Furthermore, some automated assessments focus more on the acoustic features of language as opposed to the text itself. The use of acoustic measures that include speech intensity and duration are often altered in those with depression. For example, we see a lowered pitch and a slower speech rate in those with more severe depression. These features have the potential to be used in classification models to support the diagnosis of depressed individuals.

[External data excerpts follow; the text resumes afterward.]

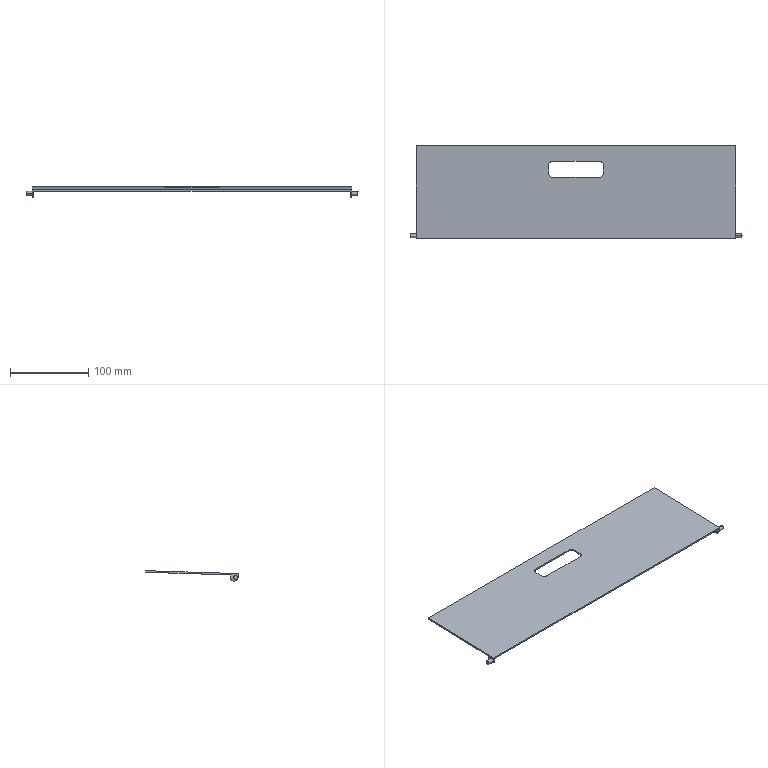Component | SolidWorks | ControlAssembly-1_ControlBoxDoor-1 | 1 solid | 28 faces | box 424 x 118 x 13.61 mm | volume 94122 mm3 | plane 16 | cylinder 12 | commonest cylinder face diameters 10 x8 5 x4
STEP:
#1=COLOUR_RGB('',0.7922,0.8196,0.9333);
#2=FILL_AREA_STYLE_COLOUR('',#1);
#3=FILL_AREA_STYLE('',(#2));
#4=SURFACE_STYLE_FILL_AREA(#3);
#5=SURFACE_SIDE_STYLE('',(#4));
#6=SURFACE_STYLE_USAGE(.BOTH.,#5);
#7=PRESENTATION_STYLE_ASSIGNMENT((#6));
#8=CARTESIAN_POINT('',(14.112,-5.037,19.937));
#9=VERTEX_POINT('',#8);
#10=CARTESIAN_POINT('',(14.112,-4.84,19.943));
#11=VERTEX_POINT('',#10);
#12=CARTESIAN_POINT('',(14.112,-4.938,19.94));
#13=DIRECTION('',(-1.,-0.,0.00009864));
#14=DIRECTION('',(-0.00000312,-0.9995,-0.0316));
#15=AXIS2_PLACEMENT_3D('',#12,#13,#14);
#16=CIRCLE('',#15,0.09843);
#17=EDGE_CURVE('',#9,#11,#16,.T.);
#18=ORIENTED_EDGE('',*,*,#17,.F.);
#19=CARTESIAN_POINT('',(14.427,-5.037,19.937));
#20=VERTEX_POINT('',#19);
#21=CARTESIAN_POINT('',(14.112,-5.037,19.937));
#22=DIRECTION('',(1.,0.,-0.00009864));
#23=VECTOR('',#22,39.37);
#24=LINE('',#21,#23);
#25=EDGE_CURVE('',#9,#20,#24,.T.);
#26=ORIENTED_EDGE('',*,*,#25,.T.);
#27=CARTESIAN_POINT('',(14.427,-4.84,19.943));
#28=VERTEX_POINT('',#27);
#29=CARTESIAN_POINT('',(14.427,-4.938,19.94));
#30=DIRECTION('',(-1.,-0.,0.00009864));
#31=DIRECTION('',(0.00000312,0.9995,0.0316));
#32=AXIS2_PLACEMENT_3D('',#29,#30,#31);
#33=CIRCLE('',#32,0.09843);
#34=EDGE_CURVE('',#20,#28,#33,.T.);
#35=ORIENTED_EDGE('',*,*,#34,.T.);
#36=CARTESIAN_POINT('',(14.112,-4.84,19.943));
#37=DIRECTION('',(1.,0.,-0.00009864));
#38=VECTOR('',#37,39.37);
#39=LINE('',#36,#38);
#40=EDGE_CURVE('',#11,#28,#39,.T.);
#41=ORIENTED_EDGE('',*,*,#40,.F.);
#42=EDGE_LOOP('',(#18,#26,#35,#41));
#43=FACE_OUTER_BOUND('',#42,.T.);
#44=CARTESIAN_POINT('',(14.112,-4.938,19.94));
#45=DIRECTION('',(1.,0.,-0.00009864));
#46=DIRECTION('',(0.00000312,0.9995,0.0316));
#47=AXIS2_PLACEMENT_3D('',#44,#45,#46);
#48=CYLINDRICAL_SURFACE('',#47,0.09843);
#49=ADVANCED_FACE('',(#43),#48,.T.);
#50=CARTESIAN_POINT('',(30.805,-4.935,19.84));
#51=VERTEX_POINT('',#50);
#52=CARTESIAN_POINT('',(30.805,-4.941,20.037));
#53=VERTEX_POINT('',#52);
#54=CARTESIAN_POINT('',(30.805,-4.938,19.938));
#55=DIRECTION('',(1.,-0.,-0.00009864));
#56=DIRECTION('',(-0.00009859,0.0316,-0.9995));
#57=AXIS2_PLACEMENT_3D('',#54,#55,#56);
#58=CIRCLE('',#57,0.09843);
#59=EDGE_CURVE('',#51,#53,#58,.T.);
#60=ORIENTED_EDGE('',*,*,#59,.F.);
#61=CARTESIAN_POINT('',(30.49,-4.935,19.84));
#62=VERTEX_POINT('',#61);
#63=CARTESIAN_POINT('',(30.805,-4.935,19.84));
#64=DIRECTION('',(-1.,0.,0.00009864));
#65=VECTOR('',#64,39.37);
#66=LINE('',#63,#65);
#67=EDGE_CURVE('',#51,#62,#66,.T.);
#68=ORIENTED_EDGE('',*,*,#67,.T.);
#69=CARTESIAN_POINT('',(30.49,-4.941,20.037));
#70=VERTEX_POINT('',#69);
#71=CARTESIAN_POINT('',(30.49,-4.938,19.938));
#72=DIRECTION('',(1.,-0.,-0.00009864));
#73=DIRECTION('',(0.00009859,-0.0316,0.9995));
#74=AXIS2_PLACEMENT_3D('',#71,#72,#73);
#75=CIRCLE('',#74,0.09843);
#76=EDGE_CURVE('',#62,#70,#75,.T.);
#77=ORIENTED_EDGE('',*,*,#76,.T.);
#78=CARTESIAN_POINT('',(30.805,-4.941,20.037));
#79=DIRECTION('',(-1.,0.,0.00009864));
#80=VECTOR('',#79,39.37);
#81=LINE('',#78,#80);
#82=EDGE_CURVE('',#53,#70,#81,.T.);
#83=ORIENTED_EDGE('',*,*,#82,.F.);
#84=EDGE_LOOP('',(#60,#68,#77,#83));
#85=FACE_OUTER_BOUND('',#84,.T.);
#86=CARTESIAN_POINT('',(30.805,-4.938,19.938));
#87=DIRECTION('',(-1.,0.,0.00009864));
#88=DIRECTION('',(0.00009859,-0.0316,0.9995));
#89=AXIS2_PLACEMENT_3D('',#86,#87,#88);
#90=CYLINDRICAL_SURFACE('',#89,0.09843);
#91=ADVANCED_FACE('',(#85),#90,.T.);
#92=CARTESIAN_POINT('',(14.427,-4.663,19.949));
#93=VERTEX_POINT('',#92);
#94=CARTESIAN_POINT('',(14.427,-4.853,19.746));
#95=VERTEX_POINT('',#94);
#96=CARTESIAN_POINT('',(14.427,-4.86,19.942));
#97=DIRECTION('',(-1.,-0.,0.00009864));
#98=DIRECTION('',(0.00000312,0.9995,0.0316));
#99=AXIS2_PLACEMENT_3D('',#96,#97,#98);
#100=CIRCLE('',#99,0.1969);
#101=EDGE_CURVE('',#93,#95,#100,.T.);
#102=ORIENTED_EDGE('',*,*,#101,.T.);
#103=CARTESIAN_POINT('',(14.427,-5.056,19.936));
#104=VERTEX_POINT('',#103);
#105=CARTESIAN_POINT('',(14.427,-4.86,19.942));
#106=DIRECTION('',(-1.,-0.,0.00009864));
#107=DIRECTION('',(0.00000312,0.9995,0.0316));
#108=AXIS2_PLACEMENT_3D('',#105,#106,#107);
#109=CIRCLE('',#108,0.1969);
#110=EDGE_CURVE('',#95,#104,#109,.T.);
#111=ORIENTED_EDGE('',*,*,#110,.T.);
#112=CARTESIAN_POINT('',(14.427,-5.063,20.133));
#113=VERTEX_POINT('',#112);
#114=CARTESIAN_POINT('',(14.427,-5.063,20.133));
#115=DIRECTION('',(-0.00009859,0.0316,-0.9995));
#116=VECTOR('',#115,39.37);
#117=LINE('',#114,#116);
#118=EDGE_CURVE('',#113,#104,#117,.T.);
#119=ORIENTED_EDGE('',*,*,#118,.F.);
#120=CARTESIAN_POINT('',(14.427,-0.4193,20.28));
#121=VERTEX_POINT('',#120);
#122=CARTESIAN_POINT('',(14.427,-0.4193,20.28));
#123=DIRECTION('',(-0.00000312,-0.9995,-0.0316));
#124=VECTOR('',#123,39.37);
#125=LINE('',#122,#124);
#126=EDGE_CURVE('',#121,#113,#125,.T.);
#127=ORIENTED_EDGE('',*,*,#126,.F.);
#128=CARTESIAN_POINT('',(14.427,-0.4168,20.201));
#129=VERTEX_POINT('',#128);
#130=CARTESIAN_POINT('',(14.427,-0.4193,20.28));
#131=DIRECTION('',(-0.00009859,0.0316,-0.9995));
#132=VECTOR('',#131,39.37);
#133=LINE('',#130,#132);
#134=EDGE_CURVE('',#121,#129,#133,.T.);
#135=ORIENTED_EDGE('',*,*,#134,.T.);
#136=CARTESIAN_POINT('',(14.427,-4.667,20.067));
#137=VERTEX_POINT('',#136);
#138=CARTESIAN_POINT('',(14.427,-0.4168,20.201));
#139=DIRECTION('',(-0.00000312,-0.9995,-0.0316));
#140=VECTOR('',#139,39.37);
#141=LINE('',#138,#140);
#142=EDGE_CURVE('',#129,#137,#141,.T.);
#143=ORIENTED_EDGE('',*,*,#142,.T.);
#144=CARTESIAN_POINT('',(14.427,-4.669,20.145));
#145=DIRECTION('',(-0.00009859,0.0316,-0.9995));
#146=VECTOR('',#145,39.37);
#147=LINE('',#144,#146);
#148=EDGE_CURVE('',#137,#93,#147,.T.);
#149=ORIENTED_EDGE('',*,*,#148,.T.);
#150=EDGE_LOOP('',(#102,#111,#119,#127,#135,#143,#149));
#151=FACE_OUTER_BOUND('',#150,.T.);
#152=CARTESIAN_POINT('',(14.427,-4.938,19.94));
#153=DIRECTION('',(-1.,-0.,0.00009864));
#154=DIRECTION('',(0.00000312,0.9995,0.0316));
#155=AXIS2_PLACEMENT_3D('',#152,#153,#154);
#156=CIRCLE('',#155,0.09843);
#157=EDGE_CURVE('',#28,#20,#156,.T.);
#158=ORIENTED_EDGE('',*,*,#157,.F.);
#159=ORIENTED_EDGE('',*,*,#34,.F.);
#160=EDGE_LOOP('',(#158,#159));
#161=FACE_BOUND('',#160,.T.);
#162=CARTESIAN_POINT('',(14.427,-0.4193,20.28));
#163=DIRECTION('',(1.,0.,-0.00009864));
#164=DIRECTION('',(0.00000312,0.9995,0.0316));
#165=AXIS2_PLACEMENT_3D('',#162,#163,#164);
#166=PLANE('',#165);
#167=ADVANCED_FACE('',(#151,#161),#166,.F.);
#168=CARTESIAN_POINT('',(30.49,-5.063,20.131));
#169=VERTEX_POINT('',#168);
#170=CARTESIAN_POINT('',(30.49,-5.056,19.935));
#171=VERTEX_POINT('',#170);
#172=CARTESIAN_POINT('',(30.49,-5.063,20.131));
#173=DIRECTION('',(-0.00009859,0.0316,-0.9995));
#174=VECTOR('',#173,39.37);
#175=LINE('',#172,#174);
#176=EDGE_CURVE('',#169,#171,#175,.T.);
#177=ORIENTED_EDGE('',*,*,#176,.T.);
#178=CARTESIAN_POINT('',(30.49,-4.853,19.744));
#179=VERTEX_POINT('',#178);
#180=CARTESIAN_POINT('',(30.49,-4.86,19.941));
#181=DIRECTION('',(1.,-0.,-0.00009864));
#182=DIRECTION('',(0.00009859,-0.0316,0.9995));
#183=AXIS2_PLACEMENT_3D('',#180,#181,#182);
#184=CIRCLE('',#183,0.1969);
#185=EDGE_CURVE('',#171,#179,#184,.T.);
#186=ORIENTED_EDGE('',*,*,#185,.T.);
#187=CARTESIAN_POINT('',(30.49,-4.663,19.947));
#188=VERTEX_POINT('',#187);
#189=CARTESIAN_POINT('',(30.49,-4.86,19.941));
#190=DIRECTION('',(1.,-0.,-0.00009864));
#191=DIRECTION('',(0.00009859,-0.0316,0.9995));
#192=AXIS2_PLACEMENT_3D('',#189,#190,#191);
#193=CIRCLE('',#192,0.1969);
#194=EDGE_CURVE('',#179,#188,#193,.T.);
#195=ORIENTED_EDGE('',*,*,#194,.T.);
#196=CARTESIAN_POINT('',(30.49,-4.667,20.065));
#197=VERTEX_POINT('',#196);
#198=CARTESIAN_POINT('',(30.49,-4.669,20.144));
#199=DIRECTION('',(0.00009859,-0.0316,0.9995));
#200=VECTOR('',#199,39.37);
#201=LINE('',#198,#200);
#202=EDGE_CURVE('',#188,#197,#201,.T.);
#203=ORIENTED_EDGE('',*,*,#202,.T.);
#204=CARTESIAN_POINT('',(30.49,-0.4168,20.2));
#205=VERTEX_POINT('',#204);
#206=CARTESIAN_POINT('',(30.49,-0.4168,20.2));
#207=DIRECTION('',(0.00000312,0.9995,0.0316));
#208=VECTOR('',#207,39.37);
#209=LINE('',#206,#208);
#210=EDGE_CURVE('',#197,#205,#209,.T.);
#211=ORIENTED_EDGE('',*,*,#210,.T.);
#212=CARTESIAN_POINT('',(30.49,-0.4193,20.278));
#213=VERTEX_POINT('',#212);
#214=CARTESIAN_POINT('',(30.49,-0.4193,20.278));
#215=DIRECTION('',(-0.00009859,0.0316,-0.9995));
#216=VECTOR('',#215,39.37);
#217=LINE('',#214,#216);
#218=EDGE_CURVE('',#213,#205,#217,.T.);
#219=ORIENTED_EDGE('',*,*,#218,.F.);
#220=CARTESIAN_POINT('',(30.49,-0.4193,20.278));
#221=DIRECTION('',(0.00000312,0.9995,0.0316));
#222=VECTOR('',#221,39.37);
#223=LINE('',#220,#222);
#224=EDGE_CURVE('',#169,#213,#223,.T.);
#225=ORIENTED_EDGE('',*,*,#224,.F.);
#226=EDGE_LOOP('',(#177,#186,#195,#203,#211,#219,#225));
#227=FACE_OUTER_BOUND('',#226,.T.);
#228=CARTESIAN_POINT('',(30.49,-4.938,19.938));
#229=DIRECTION('',(1.,-0.,-0.00009864));
#230=DIRECTION('',(0.00009859,-0.0316,0.9995));
#231=AXIS2_PLACEMENT_3D('',#228,#229,#230);
#232=CIRCLE('',#231,0.09843);
#233=EDGE_CURVE('',#70,#62,#232,.T.);
#234=ORIENTED_EDGE('',*,*,#233,.F.);
#235=ORIENTED_EDGE('',*,*,#76,.F.);
#236=EDGE_LOOP('',(#234,#235));
#237=FACE_BOUND('',#236,.T.);
#238=CARTESIAN_POINT('',(30.49,-0.4193,20.278));
#239=DIRECTION('',(-1.,0.,0.00009864));
#240=DIRECTION('',(0.00009859,-0.0316,0.9995));
#241=AXIS2_PLACEMENT_3D('',#238,#239,#240);
#242=PLANE('',#241);
#243=ADVANCED_FACE('',(#227,#237),#242,.F.);
#244=ORIENTED_EDGE('',*,*,#118,.T.);
#245=CARTESIAN_POINT('',(14.506,-5.056,19.936));
#246=VERTEX_POINT('',#245);
#247=CARTESIAN_POINT('',(14.506,-5.056,19.936));
#248=DIRECTION('',(1.,-0.,-0.00009864));
#249=VECTOR('',#248,39.37);
#250=LINE('',#247,#249);
#251=EDGE_CURVE('',#104,#246,#250,.T.);
#252=ORIENTED_EDGE('',*,*,#251,.T.);
#253=CARTESIAN_POINT('',(14.506,-5.06,20.054));
#254=VERTEX_POINT('',#253);
#255=CARTESIAN_POINT('',(14.506,-5.063,20.133));
#256=DIRECTION('',(0.00009859,-0.0316,0.9995));
#257=VECTOR('',#256,39.37);
#258=LINE('',#255,#257);
#259=EDGE_CURVE('',#246,#254,#258,.T.);
#260=ORIENTED_EDGE('',*,*,#259,.T.);
#261=CARTESIAN_POINT('',(30.412,-5.06,20.053));
#262=VERTEX_POINT('',#261);
#263=CARTESIAN_POINT('',(14.427,-5.06,20.054));
#264=DIRECTION('',(1.,-0.,-0.00009864));
#265=VECTOR('',#264,39.37);
#266=LINE('',#263,#265);
#267=EDGE_CURVE('',#254,#262,#266,.T.);
#268=ORIENTED_EDGE('',*,*,#267,.T.);
#269=CARTESIAN_POINT('',(30.412,-5.056,19.935));
#270=VERTEX_POINT('',#269);
#271=CARTESIAN_POINT('',(30.412,-5.063,20.131));
#272=DIRECTION('',(-0.00009859,0.0316,-0.9995));
#273=VECTOR('',#272,39.37);
#274=LINE('',#271,#273);
#275=EDGE_CURVE('',#262,#270,#274,.T.);
#276=ORIENTED_EDGE('',*,*,#275,.T.);
#277=CARTESIAN_POINT('',(30.49,-5.056,19.935));
#278=DIRECTION('',(1.,-0.,-0.00009864));
#279=VECTOR('',#278,39.37);
#280=LINE('',#277,#279);
#281=EDGE_CURVE('',#270,#171,#280,.T.);
#282=ORIENTED_EDGE('',*,*,#281,.T.);
#283=ORIENTED_EDGE('',*,*,#176,.F.);
#284=CARTESIAN_POINT('',(14.427,-5.063,20.133));
#285=DIRECTION('',(1.,-0.,-0.00009864));
#286=VECTOR('',#285,39.37);
#287=LINE('',#284,#286);
#288=EDGE_CURVE('',#113,#169,#287,.T.);
#289=ORIENTED_EDGE('',*,*,#288,.F.);
#290=EDGE_LOOP('',(#244,#252,#260,#268,#276,#282,#283,#289));
#291=FACE_OUTER_BOUND('',#290,.T.);
#292=CARTESIAN_POINT('',(14.427,-5.063,20.133));
#293=DIRECTION('',(0.00000312,0.9995,0.0316));
#294=DIRECTION('',(0.00009859,-0.0316,0.9995));
#295=AXIS2_PLACEMENT_3D('',#292,#293,#294);
#296=PLANE('',#295);
#297=ADVANCED_FACE('',(#291),#296,.F.);
#298=CARTESIAN_POINT('',(14.427,-0.4168,20.201));
#299=DIRECTION('',(-1.,0.,0.00009864));
#300=VECTOR('',#299,39.37);
#301=LINE('',#298,#300);
#302=EDGE_CURVE('',#205,#129,#301,.T.);
#303=ORIENTED_EDGE('',*,*,#302,.T.);
#304=ORIENTED_EDGE('',*,*,#134,.F.);
#305=CARTESIAN_POINT('',(14.427,-0.4193,20.28));
#306=DIRECTION('',(-1.,0.,0.00009864));
#307=VECTOR('',#306,39.37);
#308=LINE('',#305,#307);
#309=EDGE_CURVE('',#213,#121,#308,.T.);
#310=ORIENTED_EDGE('',*,*,#309,.F.);
#311=ORIENTED_EDGE('',*,*,#218,.T.);
#312=EDGE_LOOP('',(#303,#304,#310,#311));
#313=FACE_OUTER_BOUND('',#312,.T.);
#314=CARTESIAN_POINT('',(14.427,-0.4193,20.28));
#315=DIRECTION('',(-0.00000312,-0.9995,-0.0316));
#316=DIRECTION('',(-0.00009859,0.0316,-0.9995));
#317=AXIS2_PLACEMENT_3D('',#314,#315,#316);
#318=PLANE('',#317);
#319=ADVANCED_FACE('',(#313),#318,.F.);
#320=CARTESIAN_POINT('',(21.081,-1.403,20.248));
#321=VERTEX_POINT('',#320);
#322=CARTESIAN_POINT('',(21.081,-1.797,20.236));
#323=VERTEX_POINT('',#322);
#324=CARTESIAN_POINT('',(21.081,-1.206,20.254));
#325=DIRECTION('',(-0.00000312,-0.9995,-0.0316));
#326=VECTOR('',#325,39.37);
#327=LINE('',#324,#326);
#328=EDGE_CURVE('',#321,#323,#327,.T.);
#329=ORIENTED_EDGE('',*,*,#328,.F.);
#330=CARTESIAN_POINT('',(21.278,-1.206,20.254));
#331=VERTEX_POINT('',#330);
#332=CARTESIAN_POINT('',(21.278,-1.403,20.248));
#333=DIRECTION('',(-0.00009859,0.0316,-0.9995));
#334=DIRECTION('',(1.,0.,-0.00009864));
#335=AXIS2_PLACEMENT_3D('',#332,#333,#334);
#336=CIRCLE('',#335,0.1969);
#337=EDGE_CURVE('',#321,#331,#336,.T.);
#338=ORIENTED_EDGE('',*,*,#337,.T.);
#339=CARTESIAN_POINT('',(23.64,-1.206,20.254));
#340=VERTEX_POINT('',#339);
#341=CARTESIAN_POINT('',(21.081,-1.206,20.254));
#342=DIRECTION('',(-1.,0.,0.00009864));
#343=VECTOR('',#342,39.37);
#344=LINE('',#341,#343);
#345=EDGE_CURVE('',#340,#331,#344,.T.);
#346=ORIENTED_EDGE('',*,*,#345,.F.);
#347=CARTESIAN_POINT('',(23.837,-1.403,20.248));
#348=VERTEX_POINT('',#347);
#349=CARTESIAN_POINT('',(23.64,-1.403,20.248));
#350=DIRECTION('',(-0.00009859,0.0316,-0.9995));
#351=DIRECTION('',(1.,-0.,-0.00009864));
#352=AXIS2_PLACEMENT_3D('',#349,#350,#351);
#353=CIRCLE('',#352,0.1969);
#354=EDGE_CURVE('',#340,#348,#353,.T.);
#355=ORIENTED_EDGE('',*,*,#354,.T.);
#356=CARTESIAN_POINT('',(23.837,-1.797,20.235));
#357=VERTEX_POINT('',#356);
#358=CARTESIAN_POINT('',(23.837,-1.206,20.254));
#359=DIRECTION('',(0.00000312,0.9995,0.0316));
#360=VECTOR('',#359,39.37);
#361=LINE('',#358,#360);
#362=EDGE_CURVE('',#357,#348,#361,.T.);
#363=ORIENTED_EDGE('',*,*,#362,.F.);
#364=CARTESIAN_POINT('',(23.64,-1.993,20.229));
#365=VERTEX_POINT('',#364);
#366=CARTESIAN_POINT('',(23.64,-1.797,20.235));
#367=DIRECTION('',(-0.00009859,0.0316,-0.9995));
#368=DIRECTION('',(1.,0.,-0.00009864));
#369=AXIS2_PLACEMENT_3D('',#366,#367,#368);
#370=CIRCLE('',#369,0.1969);
#371=EDGE_CURVE('',#357,#365,#370,.T.);
#372=ORIENTED_EDGE('',*,*,#371,.T.);
#373=CARTESIAN_POINT('',(21.278,-1.993,20.229));
#374=VERTEX_POINT('',#373);
#375=CARTESIAN_POINT('',(21.081,-1.993,20.229));
#376=DIRECTION('',(1.,-0.,-0.00009864));
#377=VECTOR('',#376,39.37);
#378=LINE('',#375,#377);
#379=EDGE_CURVE('',#374,#365,#378,.T.);
#380=ORIENTED_EDGE('',*,*,#379,.F.);
#381=CARTESIAN_POINT('',(21.278,-1.797,20.236));
#382=DIRECTION('',(-0.00009859,0.0316,-0.9995));
#383=DIRECTION('',(1.,0.,-0.00009864));
#384=AXIS2_PLACEMENT_3D('',#381,#382,#383);
#385=CIRCLE('',#384,0.1969);
#386=EDGE_CURVE('',#374,#323,#385,.T.);
#387=ORIENTED_EDGE('',*,*,#386,.T.);
#388=EDGE_LOOP('',(#329,#338,#346,#355,#363,#372,#380,#387));
#389=FACE_BOUND('',#388,.T.);
#390=ORIENTED_EDGE('',*,*,#126,.T.);
#391=ORIENTED_EDGE('',*,*,#288,.T.);
#392=ORIENTED_EDGE('',*,*,#224,.T.);
#393=ORIENTED_EDGE('',*,*,#309,.T.);
#394=EDGE_LOOP('',(#390,#391,#392,#393));
#395=FACE_OUTER_BOUND('',#394,.T.);
#396=CARTESIAN_POINT('',(17.068,-0.9992,20.261));
#397=DIRECTION('',(0.00009859,-0.0316,0.9995));
#398=DIRECTION('',(1.,-0.,-0.00009864));
#399=AXIS2_PLACEMENT_3D('',#396,#397,#398);
#400=PLANE('',#399);
#401=ADVANCED_FACE('',(#389,#395),#400,.T.);
#402=CARTESIAN_POINT('',(23.837,-1.794,20.157));
#403=VERTEX_POINT('',#402);
#404=CARTESIAN_POINT('',(23.837,-1.401,20.169));
#405=VERTEX_POINT('',#404);
#406=CARTESIAN_POINT('',(23.837,-1.204,20.175));
#407=DIRECTION('',(0.00000312,0.9995,0.0316));
#408=VECTOR('',#407,39.37);
#409=LINE('',#406,#408);
#410=EDGE_CURVE('',#403,#405,#409,.T.);
#411=ORIENTED_EDGE('',*,*,#410,.T.);
#412=CARTESIAN_POINT('',(23.64,-1.204,20.175));
#413=VERTEX_POINT('',#412);
#414=CARTESIAN_POINT('',(23.64,-1.401,20.169));
#415=DIRECTION('',(0.00009859,-0.0316,0.9995));
#416=DIRECTION('',(1.,0.,-0.00009864));
#417=AXIS2_PLACEMENT_3D('',#414,#415,#416);
#418=CIRCLE('',#417,0.1969);
#419=EDGE_CURVE('',#405,#413,#418,.T.);
#420=ORIENTED_EDGE('',*,*,#419,.T.);
#421=CARTESIAN_POINT('',(21.278,-1.204,20.176));
#422=VERTEX_POINT('',#421);
#423=CARTESIAN_POINT('',(21.081,-1.204,20.176));
#424=DIRECTION('',(-1.,0.,0.00009864));
#425=VECTOR('',#424,39.37);
#426=LINE('',#423,#425);
#427=EDGE_CURVE('',#413,#422,#426,.T.);
#428=ORIENTED_EDGE('',*,*,#427,.T.);
#429=CARTESIAN_POINT('',(21.081,-1.401,20.169));
#430=VERTEX_POINT('',#429);
#431=CARTESIAN_POINT('',(21.278,-1.401,20.169));
#432=DIRECTION('',(0.00009859,-0.0316,0.9995));
#433=DIRECTION('',(1.,0.,-0.00009864));
#434=AXIS2_PLACEMENT_3D('',#431,#432,#433);
#435=CIRCLE('',#434,0.1969);
#436=EDGE_CURVE('',#422,#430,#435,.T.);
#437=ORIENTED_EDGE('',*,*,#436,.T.);
#438=CARTESIAN_POINT('',(21.081,-1.794,20.157));
#439=VERTEX_POINT('',#438);
#440=CARTESIAN_POINT('',(21.081,-1.204,20.176));
#441=DIRECTION('',(-0.00000312,-0.9995,-0.0316));
#442=VECTOR('',#441,39.37);
#443=LINE('',#440,#442);
#444=EDGE_CURVE('',#430,#439,#443,.T.);
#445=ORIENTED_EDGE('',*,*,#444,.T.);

More specifically, other assessments use spectral features, which represents the association between the change in vocal tract shape and vocal movement. Mel Frequency Cepstral Coefficients, or MFCCs, are one example of a spectral feature; they collectively make up a short representation of a sound’s power spectrum. MFCCs can be used to classify the speech of individuals undergoing stress and distinguish individuals with depression.
Researchers are also pursuing the use of NLP approaches to support mental health diagnoses in non-clinical settings. Amongst 399 reviewed papers on machine and deep learning methods in mental health detection, 81% of these papers utilized social media as their source. For example, De Choudhury and his colleagues developed a classifier to estimate the risk of depression and utilized this to analyze interactions between Twitter users. It was found that depressed Twitter users were more likely to tweet late at night and respond less to other users’ tweets. Because of clear distinctions in behavior on social media between individuals without depression and individuals with depression, these NLP techniques could potentially support more rigorous therapy-based intervention.
NLP in Non-Clinical Settings
NLP may be implemented into non-clinical settings—like mobile applications and in-home smart speakers—to collect more granular data of a person’s speech and (at least somewhat) accurately predict if an individual is at risk for depression. This is useful for elderly patients who are unable to visit doctor’s offices and this system could passively monitor patients with mild cognitive impairments. For example, when elderly patients interact with Amazon Alexa or Google Home, their speech could be tracked to determine if they are at risk for mild cognitive impairment or depression. The speech could be measured in between doctor visits without interfering with the patient’s life.
Evidently, there are ethical concerns in the use of NLP for mental health diagnosis. There is a danger of clinical abuse as it is questionable how ethical it is to use models to entirely diagnose someone with a mental health disorder like psychosis. Furthermore, with the recent use of studies with extensive amounts of data from social media, it could be considered a violation of confidentiality. Users online may not have full and informed consent on using this data for future early diagnostic tools. Machine learning and NLP tools should not replace the patient-clinician relationship, rather they should enhance it.